Откинув крышку одной из камер, я со стоном поднял и уложил в нее голого Вовку. Закрыл и не думая, сделал то, что видел не раз в нашем медбоксе – нажал на "Диагностика и оперативное лечение". Я даже не стал смотреть на завораживающую новичков работу сканеров изучающих пациента. Я подошел к другой камере, и раскрыв ее нажал ту же кнопку. "Закройте крышку!" командовала загоревшаяся надпись и я, забравшись внутрь, с улыбкой выполнил команду.
Я не знал, к каким выводам относительно меня пришел диагност, но то, что он мне буквально сразу вколол обезболивающее вкупе со снотворным, мне сказало о многом. Проваливаясь в беспамятство, я почему-то думал даже не о себе и о Вовке, а о том, что все это похоже на сон. Но скоро я уже видел сны и даже понимал в чем различие снов и реальности.
Сон четвертый:
– А цветы-то ты любишь? – спрашивал меня неизвестный господин со светло зеленоватыми глазами.
Я, прогоняя туман из головы, попытался понять, какого черта я опять делаю рядом с этим … кхм… ненормальным.
Вместо ответа я спросил его:
– Я правильно понимаю, что я сплю?
– Вопросы здесь задаю я! – жестко напомнил мне голосом древнего актера мужчина. Он поправил ворот белоснежной рубашки в редкую, синюю, почти незаметную полоску и повторил: – Так что с цветами?
Я, подумав, что даже если это сон, то мне из него как-то плохо удается вырваться ответил:
– Никак. Я не девчонка чтобы к цветам быть неравнодушным.
Казалось мужчина опешил, он посмотрел на меня исподлобья и спросил:
– А как связан пол и любовь к цветам? Среди цветоводов немало мужчин.
– Я к ним не отношусь. – заявил я и подумав добавил: – Единственный цветок который я лично растил – герань. Засох через несколько недель без поливки. Я просто о нем забыл.
– Вот! – странно оживившись заявил зеленоглазый господин. – Теперь ты понимаешь что еще и за тот цветок тебе надо раскаяться!?
Я не выдержал и взорвался:
– Да что вы несете! Отвалите от меня! Какое раскаяние!? Какое перевоспитание!? Бред-то не говорите! Что же теперь за каждый раздавленный полевой цветок себя трахать?!

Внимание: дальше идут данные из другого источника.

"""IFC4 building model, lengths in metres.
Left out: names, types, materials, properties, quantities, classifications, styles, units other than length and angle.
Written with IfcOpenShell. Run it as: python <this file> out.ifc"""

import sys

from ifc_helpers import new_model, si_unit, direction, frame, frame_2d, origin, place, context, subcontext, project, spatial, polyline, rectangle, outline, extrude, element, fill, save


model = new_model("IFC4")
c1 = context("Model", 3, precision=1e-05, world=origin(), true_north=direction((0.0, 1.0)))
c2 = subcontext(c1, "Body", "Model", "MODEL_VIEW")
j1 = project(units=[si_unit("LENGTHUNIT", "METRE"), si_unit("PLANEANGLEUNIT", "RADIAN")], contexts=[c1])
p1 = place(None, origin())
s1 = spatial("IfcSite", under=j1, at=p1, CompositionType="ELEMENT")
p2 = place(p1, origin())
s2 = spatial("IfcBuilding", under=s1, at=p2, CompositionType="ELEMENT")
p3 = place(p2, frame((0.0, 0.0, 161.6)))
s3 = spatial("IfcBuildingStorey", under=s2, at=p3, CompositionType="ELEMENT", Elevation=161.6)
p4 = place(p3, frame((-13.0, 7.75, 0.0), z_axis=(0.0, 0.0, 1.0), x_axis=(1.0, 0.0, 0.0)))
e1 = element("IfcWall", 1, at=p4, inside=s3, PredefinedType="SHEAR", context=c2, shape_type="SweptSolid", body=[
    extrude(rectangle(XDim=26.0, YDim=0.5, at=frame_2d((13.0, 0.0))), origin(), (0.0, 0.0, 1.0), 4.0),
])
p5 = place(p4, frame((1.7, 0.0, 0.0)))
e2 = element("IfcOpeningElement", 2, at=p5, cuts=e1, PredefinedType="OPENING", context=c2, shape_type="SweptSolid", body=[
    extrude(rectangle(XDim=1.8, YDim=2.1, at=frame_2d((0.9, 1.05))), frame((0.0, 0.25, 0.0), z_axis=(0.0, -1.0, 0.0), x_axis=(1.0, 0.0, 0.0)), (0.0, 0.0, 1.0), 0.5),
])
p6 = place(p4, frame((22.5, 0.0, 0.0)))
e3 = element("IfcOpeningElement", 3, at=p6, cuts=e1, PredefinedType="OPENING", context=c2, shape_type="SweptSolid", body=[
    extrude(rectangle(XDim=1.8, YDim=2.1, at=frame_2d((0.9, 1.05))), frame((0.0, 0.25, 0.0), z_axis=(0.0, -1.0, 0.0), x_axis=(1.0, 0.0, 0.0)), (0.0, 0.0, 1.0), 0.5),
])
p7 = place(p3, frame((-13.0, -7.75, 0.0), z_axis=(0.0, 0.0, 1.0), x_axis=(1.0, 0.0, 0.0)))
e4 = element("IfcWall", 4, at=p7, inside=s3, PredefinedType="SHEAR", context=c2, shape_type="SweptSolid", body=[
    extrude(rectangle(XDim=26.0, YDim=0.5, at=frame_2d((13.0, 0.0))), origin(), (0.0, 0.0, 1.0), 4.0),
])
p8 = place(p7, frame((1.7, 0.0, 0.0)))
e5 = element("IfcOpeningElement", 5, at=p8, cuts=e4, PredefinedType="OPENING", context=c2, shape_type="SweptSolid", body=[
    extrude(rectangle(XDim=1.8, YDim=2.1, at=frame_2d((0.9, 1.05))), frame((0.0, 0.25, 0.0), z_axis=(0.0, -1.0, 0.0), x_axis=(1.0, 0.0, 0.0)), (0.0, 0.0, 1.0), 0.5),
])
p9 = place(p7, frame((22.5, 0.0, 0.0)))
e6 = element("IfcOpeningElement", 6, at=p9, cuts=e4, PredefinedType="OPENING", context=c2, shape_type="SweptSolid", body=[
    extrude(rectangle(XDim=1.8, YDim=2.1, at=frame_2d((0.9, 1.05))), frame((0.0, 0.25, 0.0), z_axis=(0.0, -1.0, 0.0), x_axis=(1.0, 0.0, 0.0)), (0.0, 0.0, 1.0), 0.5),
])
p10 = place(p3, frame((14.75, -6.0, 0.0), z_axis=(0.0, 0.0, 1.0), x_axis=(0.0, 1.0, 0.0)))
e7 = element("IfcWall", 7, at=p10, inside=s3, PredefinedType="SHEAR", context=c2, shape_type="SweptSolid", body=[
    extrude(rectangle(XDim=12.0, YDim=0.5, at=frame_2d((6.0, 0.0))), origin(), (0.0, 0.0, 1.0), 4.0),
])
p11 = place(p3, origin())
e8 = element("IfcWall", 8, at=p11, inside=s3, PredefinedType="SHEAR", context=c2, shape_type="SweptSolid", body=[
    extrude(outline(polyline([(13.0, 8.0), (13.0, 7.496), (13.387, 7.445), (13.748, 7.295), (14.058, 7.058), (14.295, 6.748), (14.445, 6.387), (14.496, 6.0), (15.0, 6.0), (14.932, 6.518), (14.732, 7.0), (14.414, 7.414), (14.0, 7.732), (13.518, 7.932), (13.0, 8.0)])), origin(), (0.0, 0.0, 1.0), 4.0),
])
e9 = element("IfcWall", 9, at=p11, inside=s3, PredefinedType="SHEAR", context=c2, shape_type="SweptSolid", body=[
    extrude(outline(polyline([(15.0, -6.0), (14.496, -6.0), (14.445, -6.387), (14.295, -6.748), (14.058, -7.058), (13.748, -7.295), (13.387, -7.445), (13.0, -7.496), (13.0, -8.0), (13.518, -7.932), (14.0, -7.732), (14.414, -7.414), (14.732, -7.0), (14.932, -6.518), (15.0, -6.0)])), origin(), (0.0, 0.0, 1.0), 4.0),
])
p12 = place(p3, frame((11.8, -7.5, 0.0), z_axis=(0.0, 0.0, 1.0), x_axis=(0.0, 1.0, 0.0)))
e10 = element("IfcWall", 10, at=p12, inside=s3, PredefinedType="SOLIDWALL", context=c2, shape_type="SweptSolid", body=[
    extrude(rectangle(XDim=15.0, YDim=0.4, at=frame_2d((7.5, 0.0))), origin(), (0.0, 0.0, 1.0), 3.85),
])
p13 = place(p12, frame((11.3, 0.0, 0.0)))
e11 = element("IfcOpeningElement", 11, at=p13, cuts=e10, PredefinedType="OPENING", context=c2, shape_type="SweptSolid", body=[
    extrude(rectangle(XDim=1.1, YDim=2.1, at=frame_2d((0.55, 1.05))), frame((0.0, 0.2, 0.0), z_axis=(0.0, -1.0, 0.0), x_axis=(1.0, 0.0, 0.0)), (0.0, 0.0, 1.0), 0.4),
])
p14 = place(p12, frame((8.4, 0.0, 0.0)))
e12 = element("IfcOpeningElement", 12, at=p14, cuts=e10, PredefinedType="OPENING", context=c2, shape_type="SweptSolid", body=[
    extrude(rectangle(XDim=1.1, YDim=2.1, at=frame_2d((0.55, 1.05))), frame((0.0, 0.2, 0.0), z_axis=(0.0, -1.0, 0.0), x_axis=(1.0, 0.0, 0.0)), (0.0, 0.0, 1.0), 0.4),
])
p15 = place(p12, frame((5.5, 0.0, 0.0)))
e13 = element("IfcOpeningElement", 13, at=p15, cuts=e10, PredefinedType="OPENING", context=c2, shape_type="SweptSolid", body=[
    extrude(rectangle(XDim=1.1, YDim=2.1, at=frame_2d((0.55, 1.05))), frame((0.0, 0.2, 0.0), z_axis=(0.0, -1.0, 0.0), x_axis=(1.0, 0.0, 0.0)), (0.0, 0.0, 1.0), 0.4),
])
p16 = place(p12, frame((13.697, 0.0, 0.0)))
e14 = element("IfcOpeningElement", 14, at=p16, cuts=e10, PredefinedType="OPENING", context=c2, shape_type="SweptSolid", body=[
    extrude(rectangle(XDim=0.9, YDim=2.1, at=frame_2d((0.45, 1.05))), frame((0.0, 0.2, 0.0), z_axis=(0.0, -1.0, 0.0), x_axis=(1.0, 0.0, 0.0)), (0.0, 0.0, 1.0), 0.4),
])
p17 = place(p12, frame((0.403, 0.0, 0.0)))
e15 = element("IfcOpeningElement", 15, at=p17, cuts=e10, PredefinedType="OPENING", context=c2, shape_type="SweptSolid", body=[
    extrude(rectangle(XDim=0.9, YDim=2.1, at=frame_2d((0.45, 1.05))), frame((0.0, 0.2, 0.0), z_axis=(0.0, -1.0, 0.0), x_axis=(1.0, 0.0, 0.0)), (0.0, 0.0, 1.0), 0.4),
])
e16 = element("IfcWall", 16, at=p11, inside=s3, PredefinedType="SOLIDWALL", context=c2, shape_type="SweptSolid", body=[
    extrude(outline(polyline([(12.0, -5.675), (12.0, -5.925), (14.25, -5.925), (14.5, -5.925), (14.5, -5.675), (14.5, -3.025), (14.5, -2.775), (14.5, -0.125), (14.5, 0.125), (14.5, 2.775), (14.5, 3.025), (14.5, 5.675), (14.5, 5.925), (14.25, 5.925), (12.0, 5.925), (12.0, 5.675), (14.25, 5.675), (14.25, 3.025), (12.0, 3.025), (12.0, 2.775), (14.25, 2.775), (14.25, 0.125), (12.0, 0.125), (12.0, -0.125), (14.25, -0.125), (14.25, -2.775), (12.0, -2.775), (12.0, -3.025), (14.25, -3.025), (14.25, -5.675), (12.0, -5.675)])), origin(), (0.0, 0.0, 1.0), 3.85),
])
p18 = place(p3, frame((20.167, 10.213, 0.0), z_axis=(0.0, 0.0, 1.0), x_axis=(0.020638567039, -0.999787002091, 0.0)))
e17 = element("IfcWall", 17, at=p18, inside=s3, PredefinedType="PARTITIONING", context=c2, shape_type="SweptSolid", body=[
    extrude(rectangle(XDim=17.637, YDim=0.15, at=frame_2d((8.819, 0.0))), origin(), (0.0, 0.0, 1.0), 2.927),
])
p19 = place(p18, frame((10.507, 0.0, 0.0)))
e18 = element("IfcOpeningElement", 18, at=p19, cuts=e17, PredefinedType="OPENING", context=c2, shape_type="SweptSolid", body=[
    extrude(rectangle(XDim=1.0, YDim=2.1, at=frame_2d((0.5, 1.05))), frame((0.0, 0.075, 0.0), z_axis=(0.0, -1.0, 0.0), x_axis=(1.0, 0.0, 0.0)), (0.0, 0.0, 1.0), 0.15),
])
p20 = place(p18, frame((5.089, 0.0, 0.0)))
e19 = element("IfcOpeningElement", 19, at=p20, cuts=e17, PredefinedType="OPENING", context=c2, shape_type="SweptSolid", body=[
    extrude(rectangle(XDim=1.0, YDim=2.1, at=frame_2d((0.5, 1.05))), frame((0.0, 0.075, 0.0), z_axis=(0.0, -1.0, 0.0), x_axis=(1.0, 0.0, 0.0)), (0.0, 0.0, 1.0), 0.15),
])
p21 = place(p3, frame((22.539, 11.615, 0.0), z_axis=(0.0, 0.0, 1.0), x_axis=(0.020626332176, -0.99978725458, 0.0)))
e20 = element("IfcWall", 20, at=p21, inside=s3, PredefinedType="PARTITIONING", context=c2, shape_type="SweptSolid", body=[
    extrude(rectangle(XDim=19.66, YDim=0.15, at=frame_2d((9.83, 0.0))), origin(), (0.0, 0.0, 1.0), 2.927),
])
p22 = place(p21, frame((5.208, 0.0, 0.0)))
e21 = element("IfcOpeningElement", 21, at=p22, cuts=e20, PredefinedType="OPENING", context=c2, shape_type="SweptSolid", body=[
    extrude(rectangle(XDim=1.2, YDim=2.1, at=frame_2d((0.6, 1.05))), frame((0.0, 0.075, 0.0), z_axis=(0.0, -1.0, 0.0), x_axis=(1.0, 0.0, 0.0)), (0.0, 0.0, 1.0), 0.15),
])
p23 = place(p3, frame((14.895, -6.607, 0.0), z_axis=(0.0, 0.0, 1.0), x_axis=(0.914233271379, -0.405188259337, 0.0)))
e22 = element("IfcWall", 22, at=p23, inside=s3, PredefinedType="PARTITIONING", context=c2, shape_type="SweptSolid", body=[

Счастливая улыбка озарила лицо зеленоглазого. Он поднялся и надавив мне на плечи заставил снова сесть в неудобное деревянное кресло. Сел сам и только после этого сказал довольно:
– Значит, полевой цветок уже вспомнил? Молодец.
Я хотел чуть ли не завопить, что ни о каких полевых цветах я не вспоминал и что меня задолбал этот шизофреник сидящий передо мной. Но спустя мгновение я вдруг осознал настолько явственно и четко, что я лишь стебель, пережеванный неведомым животным, что слова застряли в моем горле. Я словно из пасти жующего животного глядел на помещение в которое меня занес нелегкий сон.
А незнакомец, довольно улыбаясь, смотрел, как откровения меняют мое лицо.
Первый раз меня разбудил Вовка. Я смотрел на его зарубцевавшиеся язвы, на лице и не мог придти в себя. Я не понимал, сплю я еще или уже проснулся. А он неулыбчивый смотрел мне в лицо, словно что-то спросил и ждал ответа. Я даже хотел ему что-то ответить, но Вовка бесцеремонно закрыл крышку и инъектор вколол мне очередную порцию снотворного.
Второе мое пробуждение было даже веселей. На меня смотрела девушка, довольно милая и что-то говорила, но я ее абсолютно не слышал. Устав мне что-то объяснять она улыбнулась и закрыла крышку. Я как положено после очередного укола отправился досматривать сон.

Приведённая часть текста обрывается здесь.